School security plan debated

$2.7 million approved for extra measures, but board still concerned about meeting goal

February 09, 2007|By Ruma Kumar | Ruma Kumar,SUN REPORTER

Anne Arundel County school board members approved $2.7 million for stiffer school security, despite their own concerns about how the money fits into a sweeping $39 million security plan. It is a plan they have been told about for two years, but still have not seen.

At a meeting Wednesday, the board approved $1.2 million - on top of $1.5 million given last summer - for improvements such as cameras at schools, fencing and expanded security at athletic events.

But school board members said the approval for extra funds put them in an awkward situation of not knowing how their spending this year gels with $39 million of security weaknesses highlighted in a 2005 consultant's report.

"You keep talking about this $39 million security plan ... .we have all asked for it over and over again ... .we have yet to see it," school board member Ned Carey said briskly at the school system's security head, Edward Piper.

Piper declined to be interviewed .

Later, Carey said, "The board deserves to see something if we're going to be asked to spend $39 million on something. We have a responsibility to taxpayers that we show we're using money efficiently."

Top school security officials slipped out a side door after the exchange and discussed what parts of the plan they could release and whether the 2-year-old plan is up-to-date enough to reflect the growing security needs of the district.

Gregory V. Nourse, assistant superintendent of business and management, said the larger security plan never reached school board members because it contained information about which schools had the poorest lighting, left doors and windows unlocked and lacked technology for controlling visitors' access to schools and monitoring their whereabouts once they were on school property.

"What you don't want is to release something publicly where everyone sees what your weaknesses are, in case someone out there is planning to hold a school hostage and things like that," Nourse said.

Security concerns heightened after two high-profile incidents in 2005. A teenage girl was shot at Annapolis High School during a football game against Old Mill, and at Glendale Elementary School, a convicted sex offender was caught on school grounds, saying he was there to pick up a student.

Carey said he understands that some school security information can be kept private, but said the school board should still be given an outline of what the district proposes to do to improve school safety.

"Do they want cameras? Do they want fencing? Is all the security technology going to be integrated? We need to know these things," Carey said. "You can't do security piecemeal. We have to see the larger plan."

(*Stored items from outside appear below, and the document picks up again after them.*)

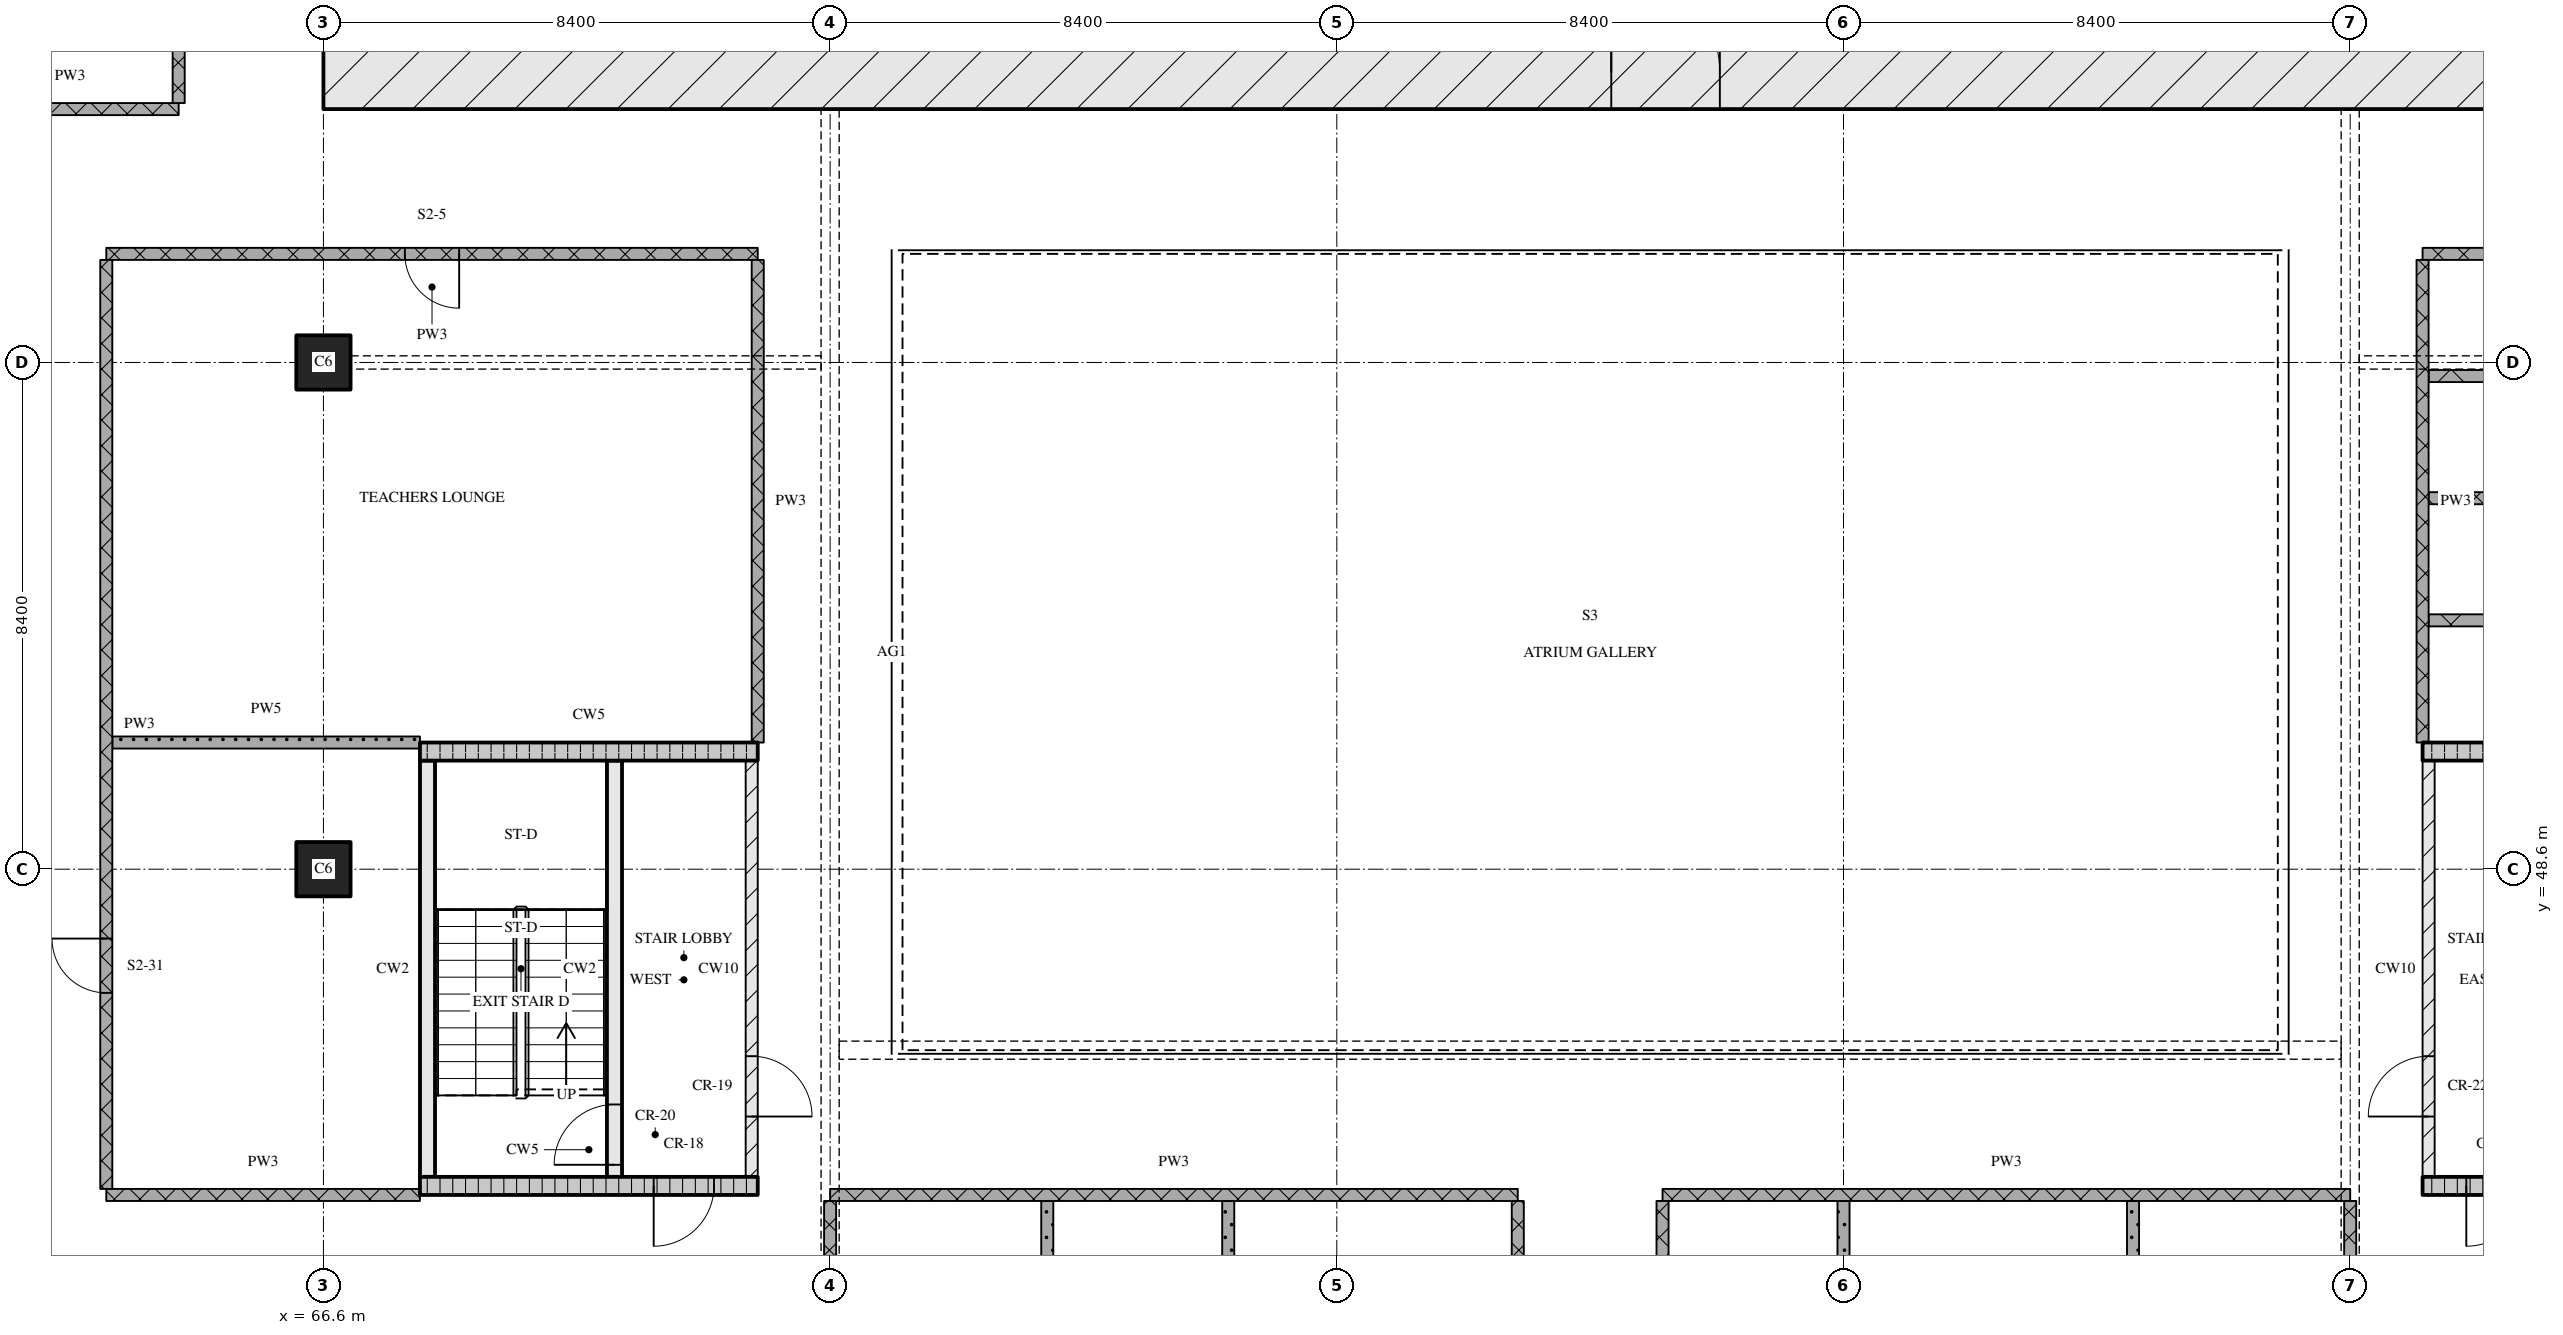
"""IFC4 building model, lengths in metres.
Left out: names, types, materials, properties, quantities, classifications, styles, units other than length and angle.
Written with IfcOpenShell. Run it as: python <this file> out.ifc"""

import sys

from ifc_helpers import new_model, si_unit, direction, frame, frame_2d, origin, origin_2d, place, context, subcontext, project, spatial, rectangle, extrude, element, fill, save


model = new_model("IFC4")
c1 = context("Model", 3, precision=1e-05, world=origin(), true_north=direction((0.0, 1.0)))
c2 = subcontext(c1, "Body", "Model", "MODEL_VIEW")
j1 = project(units=[si_unit("LENGTHUNIT", "METRE"), si_unit("PLANEANGLEUNIT", "RADIAN")], contexts=[c1])
p1 = place(None, origin())
s1 = spatial("IfcSite", under=j1, at=p1, CompositionType="ELEMENT")
p2 = place(p1, origin())
s2 = spatial("IfcBuilding", under=s1, at=p2, CompositionType="ELEMENT")
p3 = place(p2, frame((0.0, 0.0, 23.7)))
s3 = spatial("IfcBuildingStorey", under=s2, at=p3, CompositionType="ELEMENT", Elevation=23.7)
for number, where, z_axis, x_axis in (
    (1, (66.6, 48.6, 0.0), (0.0, 0.0, 1.0), (1.0, 0.0, 0.0)),
    (2, (66.6, 57.0, 0.0), (0.0, 0.0, 1.0), (1.0, 0.0, 0.0)),
):
    element("IfcColumn", number, at=place(p3, frame(where, z_axis=z_axis, x_axis=x_axis)), inside=s3, PredefinedType="COLUMN", context=c2, shape_type="SweptSolid", body=[
        extrude(rectangle(XDim=0.9, YDim=0.9, at=origin_2d()), origin(), (0.0, 0.0, 1.0), 4.5),
    ])
p4 = place(p3, frame((66.6, 61.8, 0.0), z_axis=(0.0, 0.0, 1.0), x_axis=(1.0, 0.0, 0.0)))
e3 = element("IfcWall", 3, at=p4, inside=s3, PredefinedType="SOLIDWALL", context=c2, shape_type="SweptSolid", body=[
    extrude(rectangle(XDim=42.0, YDim=1.2, at=frame_2d((21.0, 0.0))), origin(), (0.0, 0.0, 1.0), 4.2),
])
p5 = place(p4, frame((21.35, 0.0, 0.0)))
e4 = element("IfcOpeningElement", 4, at=p5, cuts=e3, PredefinedType="OPENING", context=c2, shape_type="SweptSolid", body=[
    extrude(rectangle(XDim=1.8, YDim=2.1, at=frame_2d((0.9, 1.05))), frame((0.0, 0.61, 0.0), z_axis=(0.0, -1.0, 0.0), x_axis=(1.0, 0.0, 0.0)), (0.0, 0.0, 1.0), 1.22),
])
p6 = place(p3, frame((68.2, 43.35, 0.0), z_axis=(0.0, 0.0, 1.0), x_axis=(1.0, 0.0, 0.0)))
e5 = element("IfcWall", 5, at=p6, inside=s3, PredefinedType="SOLIDWALL", context=c2, shape_type="SweptSolid", body=[
    extrude(rectangle(XDim=5.6, YDim=0.3, at=frame_2d((2.8, 0.0))), origin(), (0.0, 0.0, 1.0), 4.2),
])
p7 = place(p6, frame((3.875, 0.0, 0.0)))
e6 = element("IfcOpeningElement", 6, at=p7, cuts=e5, PredefinedType="OPENING", context=c2, shape_type="SweptSolid", body=[
    extrude(rectangle(XDim=1.0, YDim=2.1, at=frame_2d((0.5, 1.05))), frame((0.0, 0.16, 0.0), z_axis=(0.0, -1.0, 0.0), x_axis=(1.0, 0.0, 0.0)), (0.0, 0.0, 1.0), 0.32),
])
p8 = place(p3, frame((68.325, 43.5, 0.0), z_axis=(0.0, 0.0, 1.0), x_axis=(0.0, 1.0, 0.0)))
e7 = element("IfcWall", 7, at=p8, inside=s3, PredefinedType="SOLIDWALL", context=c2, shape_type="SweptSolid", body=[
    extrude(rectangle(XDim=6.9, YDim=0.25, at=frame_2d((3.45, 0.0))), origin(), (0.0, 0.0, 1.0), 4.2),
])
p9 = place(p3, frame((71.425, 43.5, 0.0), z_axis=(0.0, 0.0, 1.0), x_axis=(0.0, 1.0, 0.0)))
e8 = element("IfcWall", 8, at=p9, inside=s3, PredefinedType="SOLIDWALL", context=c2, shape_type="SweptSolid", body=[
    extrude(rectangle(XDim=6.9, YDim=0.25, at=frame_2d((3.45, 0.0))), origin(), (0.0, 0.0, 1.0), 4.2),
])
p10 = place(p9, frame((0.2, 0.0, 0.0)))
e9 = element("IfcOpeningElement", 9, at=p10, cuts=e8, PredefinedType="OPENING", context=c2, shape_type="SweptSolid", body=[
    extrude(rectangle(XDim=1.0, YDim=2.1, at=frame_2d((0.5, 1.05))), frame((0.0, 0.135, 0.0), z_axis=(0.0, -1.0, 0.0), x_axis=(1.0, 0.0, 0.0)), (0.0, 0.0, 1.0), 0.27),
])
p11 = place(p3, frame((73.7, 43.5, 0.0), z_axis=(0.0, 0.0, 1.0), x_axis=(0.0, 1.0, 0.0)))
e10 = element("IfcWall", 10, at=p11, inside=s3, PredefinedType="PARTITIONING", context=c2, shape_type="SweptSolid", body=[
    extrude(rectangle(XDim=6.9, YDim=0.2, at=frame_2d((3.45, 0.0))), origin(), (0.0, 0.0, 1.0), 4.2),
])
p12 = place(p11, frame((1.0, 0.0, 0.0)))
e11 = element("IfcOpeningElement", 11, at=p12, cuts=e10, PredefinedType="OPENING", context=c2, shape_type="SweptSolid", body=[
    extrude(rectangle(XDim=1.0, YDim=2.1, at=frame_2d((0.5, 1.05))), frame((0.0, 0.11, 0.0), z_axis=(0.0, -1.0, 0.0), x_axis=(1.0, 0.0, 0.0)), (0.0, 0.0, 1.0), 0.22),
])
p13 = place(p3, frame((68.2, 50.55, 0.0), z_axis=(0.0, 0.0, 1.0), x_axis=(1.0, 0.0, 0.0)))
e12 = element("IfcWall", 12, at=p13, inside=s3, PredefinedType="SOLIDWALL", context=c2, shape_type="SweptSolid", body=[
    extrude(rectangle(XDim=5.6, YDim=0.3, at=frame_2d((2.8, 0.0))), origin(), (0.0, 0.0, 1.0), 4.2),
])
p14 = place(p3, frame((101.4, 43.35, 0.0), z_axis=(0.0, 0.0, 1.0), x_axis=(1.0, 0.0, 0.0)))
e13 = element("IfcWall", 13, at=p14, inside=s3, PredefinedType="SOLIDWALL", context=c2, shape_type="SweptSolid", body=[
    extrude(rectangle(XDim=5.6, YDim=0.3, at=frame_2d((2.8, 0.0))), origin(), (0.0, 0.0, 1.0), 4.2),
])
p15 = place(p14, frame((0.725, 0.0, 0.0)))
e14 = element("IfcOpeningElement", 14, at=p15, cuts=e13, PredefinedType="OPENING", context=c2, shape_type="SweptSolid", body=[
    extrude(rectangle(XDim=1.0, YDim=2.1, at=frame_2d((0.5, 1.05))), frame((0.0, 0.16, 0.0), z_axis=(0.0, -1.0, 0.0), x_axis=(1.0, 0.0, 0.0)), (0.0, 0.0, 1.0), 0.32),
])
p16 = place(p3, frame((101.5, 43.5, 0.0), z_axis=(0.0, 0.0, 1.0), x_axis=(0.0, 1.0, 0.0)))
e15 = element("IfcWall", 15, at=p16, inside=s3, PredefinedType="PARTITIONING", context=c2, shape_type="SweptSolid", body=[
    extrude(rectangle(XDim=6.9, YDim=0.2, at=frame_2d((3.45, 0.0))), origin(), (0.0, 0.0, 1.0), 4.2),
])
p17 = place(p16, frame((1.0, 0.0, 0.0)))
e16 = element("IfcOpeningElement", 16, at=p17, cuts=e15, PredefinedType="OPENING", context=c2, shape_type="SweptSolid", body=[
    extrude(rectangle(XDim=1.0, YDim=2.1, at=frame_2d((0.5, 1.05))), frame((0.0, 0.11, 0.0), z_axis=(0.0, -1.0, 0.0), x_axis=(1.0, 0.0, 0.0)), (0.0, 0.0, 1.0), 0.22),
])
p18 = place(p3, frame((101.4, 50.55, 0.0), z_axis=(0.0, 0.0, 1.0), x_axis=(1.0, 0.0, 0.0)))
e17 = element("IfcWall", 17, at=p18, inside=s3, PredefinedType="SOLIDWALL", context=c2, shape_type="SweptSolid", body=[
    extrude(rectangle(XDim=5.6, YDim=0.3, at=frame_2d((2.8, 0.0))), origin(), (0.0, 0.0, 1.0), 4.2),
])
p19 = place(p3, frame((63.0, 43.2, 0.0), z_axis=(0.0, 0.0, 1.0), x_axis=(1.0, 0.0, 0.0)))
e18 = element("IfcWall", 18, at=p19, inside=s3, PredefinedType="PARTITIONING", context=c2, shape_type="SweptSolid", body=[
    extrude(rectangle(XDim=5.2, YDim=0.2, at=frame_2d((2.6, 0.0))), origin(), (0.0, 0.0, 1.0), 4.2),
])
for number, where, z_axis, x_axis in (
    (19, (75.0, 43.2, 0.0), (0.0, 0.0, 1.0), (1.0, 0.0, 0.0)),
    (20, (88.8, 43.2, 0.0), (0.0, 0.0, 1.0), (1.0, 0.0, 0.0)),
):
    element("IfcWall", number, at=place(p3, frame(where, z_axis=z_axis, x_axis=x_axis)), inside=s3, PredefinedType="PARTITIONING", context=c2, shape_type="SweptSolid", body=[
        extrude(rectangle(XDim=11.4, YDim=0.2, at=frame_2d((5.7, 0.0))), origin(), (0.0, 0.0, 1.0), 4.2),
    ])
p20 = place(p3, frame((63.1, 50.7, 0.0), z_axis=(0.0, 0.0, 1.0), x_axis=(1.0, 0.0, 0.0)))
e21 = element("IfcWall", 21, at=p20, inside=s3, PredefinedType="PARTITIONING", context=c2, shape_type="SweptSolid", body=[
    extrude(rectangle(XDim=5.1, YDim=0.2, at=frame_2d((2.55, 0.0))), origin(), (0.0, 0.0, 1.0), 4.2),
])
for number, where, z_axis, x_axis in (
    (22, (101.5, 52.725, 0.0), (0.0, 0.0, 1.0), (1.0, 0.0, 0.0)),
    (23, (101.5, 54.75, 0.0), (0.0, 0.0, 1.0), (1.0, 0.0, 0.0)),
):
    element("IfcWall", number, at=place(p3, frame(where, z_axis=z_axis, x_axis=x_axis)), inside=s3, PredefinedType="PARTITIONING", context=c2, shape_type="SweptSolid", body=[
        extrude(rectangle(XDim=10.6, YDim=0.2, at=frame_2d((5.3, 0.0))), origin(), (0.0, 0.0, 1.0), 4.2),
    ])
p21 = place(p3, frame((101.5, 56.775, 0.0), z_axis=(0.0, 0.0, 1.0), x_axis=(1.0, 0.0, 0.0)))
e24 = element("IfcWall", 24, at=p21, inside=s3, PredefinedType="PARTITIONING", context=c2, shape_type="SweptSolid", body=[
    extrude(rectangle(XDim=6.63, YDim=0.2, at=frame_2d((3.315, 0.0))), origin(), (0.0, 0.0, 1.0), 4.2),
])
p22 = place(p3, frame((73.8, 58.8, 0.0), z_axis=(0.0, 0.0, 1.0), x_axis=(-1.0, 0.0, 0.0)))
e25 = element("IfcWall", 25, at=p22, inside=s3, PredefinedType="PARTITIONING", context=c2, shape_type="SweptSolid", body=[
    extrude(rectangle(XDim=10.8, YDim=0.2, at=frame_2d((5.4, 0.0))), origin(), (0.0, 0.0, 1.0), 4.2),
])
p23 = place(p22, frame((4.95, 0.0, 0.0)))
e26 = element("IfcOpeningElement", 26, at=p23, cuts=e25, PredefinedType="OPENING", context=c2, shape_type="SweptSolid", body=[
    extrude(rectangle(XDim=0.9, YDim=2.1, at=frame_2d((0.45, 1.05))), frame((0.0, 0.11, 0.0), z_axis=(0.0, -1.0, 0.0), x_axis=(1.0, 0.0, 0.0)), (0.0, 0.0, 1.0), 0.22),
])
p24 = place(p3, frame((101.4, 58.8, 0.0), z_axis=(0.0, 0.0, 1.0), x_axis=(1.0, 0.0, 0.0)))
e27 = element("IfcWall", 27, at=p24, inside=s3, PredefinedType="PARTITIONING", context=c2, shape_type="SweptSolid", body=[
    extrude(rectangle(XDim=10.8, YDim=0.2, at=frame_2d((5.4, 0.0))), origin(), (0.0, 0.0, 1.0), 4.2),
])
p25 = place(p3, frame((60.6, 61.2, 0.0), z_axis=(0.0, 0.0, 1.0), x_axis=(1.0, 0.0, 0.0)))
e28 = element("IfcWall", 28, at=p25, inside=s3, PredefinedType="PARTITIONING", context=c2, shape_type="SweptSolid", body=[
    extrude(rectangle(XDim=3.6, YDim=0.2, at=frame_2d((1.8, 0.0))), origin(), (0.0, 0.0, 1.0), 4.2),
])
p26 = place(p3, frame((63.0, 58.7, 0.0), z_axis=(0.0, 0.0, 1.0), x_axis=(0.0, -1.0, 0.0)))
e29 = element("IfcWall", 29, at=p26, inside=s3, PredefinedType="PARTITIONING", context=c2, shape_type="SweptSolid", body=[
    extrude(rectangle(XDim=15.4, YDim=0.2, at=frame_2d((7.7, 0.0))), origin(), (0.0, 0.0, 1.0), 4.2),
])
p27 = place(p26, frame((11.25, 0.0, 0.0)))
e30 = element("IfcOpeningElement", 30, at=p27, cuts=e29, PredefinedType="OPENING", context=c2, shape_type="SweptSolid", body=[
    extrude(rectangle(XDim=0.9, YDim=2.1, at=frame_2d((0.45, 1.05))), frame((0.0, 0.11, 0.0), z_axis=(0.0, -1.0, 0.0), x_axis=(1.0, 0.0, 0.0)), (0.0, 0.0, 1.0), 0.22),
])
p28 = place(p3, frame((64.2, 67.7, 0.0), z_axis=(0.0, 0.0, 1.0), x_axis=(0.0, -1.0, 0.0)))
e31 = element("IfcWall", 31, at=p28, inside=s3, PredefinedType="PARTITIONING", context=c2, shape_type="SweptSolid", body=[
    extrude(rectangle(XDim=6.4, YDim=0.2, at=frame_2d((3.2, 0.0))), origin(), (0.0, 0.0, 1.0), 4.2),
])
p29 = place(p3, frame((73.8, 58.7, 0.0), z_axis=(0.0, 0.0, 1.0), x_axis=(0.0, -1.0, 0.0)))
e32 = element("IfcWall", 32, at=p29, inside=s3, PredefinedType="PARTITIONING", context=c2, shape_type="SweptSolid", body=[
    extrude(rectangle(XDim=8.0, YDim=0.2, at=frame_2d((4.0, 0.0))), origin(), (0.0, 0.0, 1.0), 4.2),
])
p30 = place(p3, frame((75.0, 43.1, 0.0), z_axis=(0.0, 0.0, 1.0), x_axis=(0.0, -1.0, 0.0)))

Nourse said his staff is drafting a security plan that lists the needs of schools without revealing the weaknesses, so that board members can see the school system's long-range plans. What was estimated to cost $39 million in 2005 will "most certainly cost more" now, Nourse said.

This talk of extra spending comes at an inopportune time, with County Executive John R. Leopold issuing school officials a directive to slice their $131 million increase in next year's budget.

But security has been a need that Superintendent Kevin Maxwell and school board members have discussed this year. The hope is to have cameras inside and outside all of the district's 118 schools, but only about 15 schools have them, Nourse said.

This year, the district is looking for another $2.6 million, including more than $1 million for 31 security assistants in schools.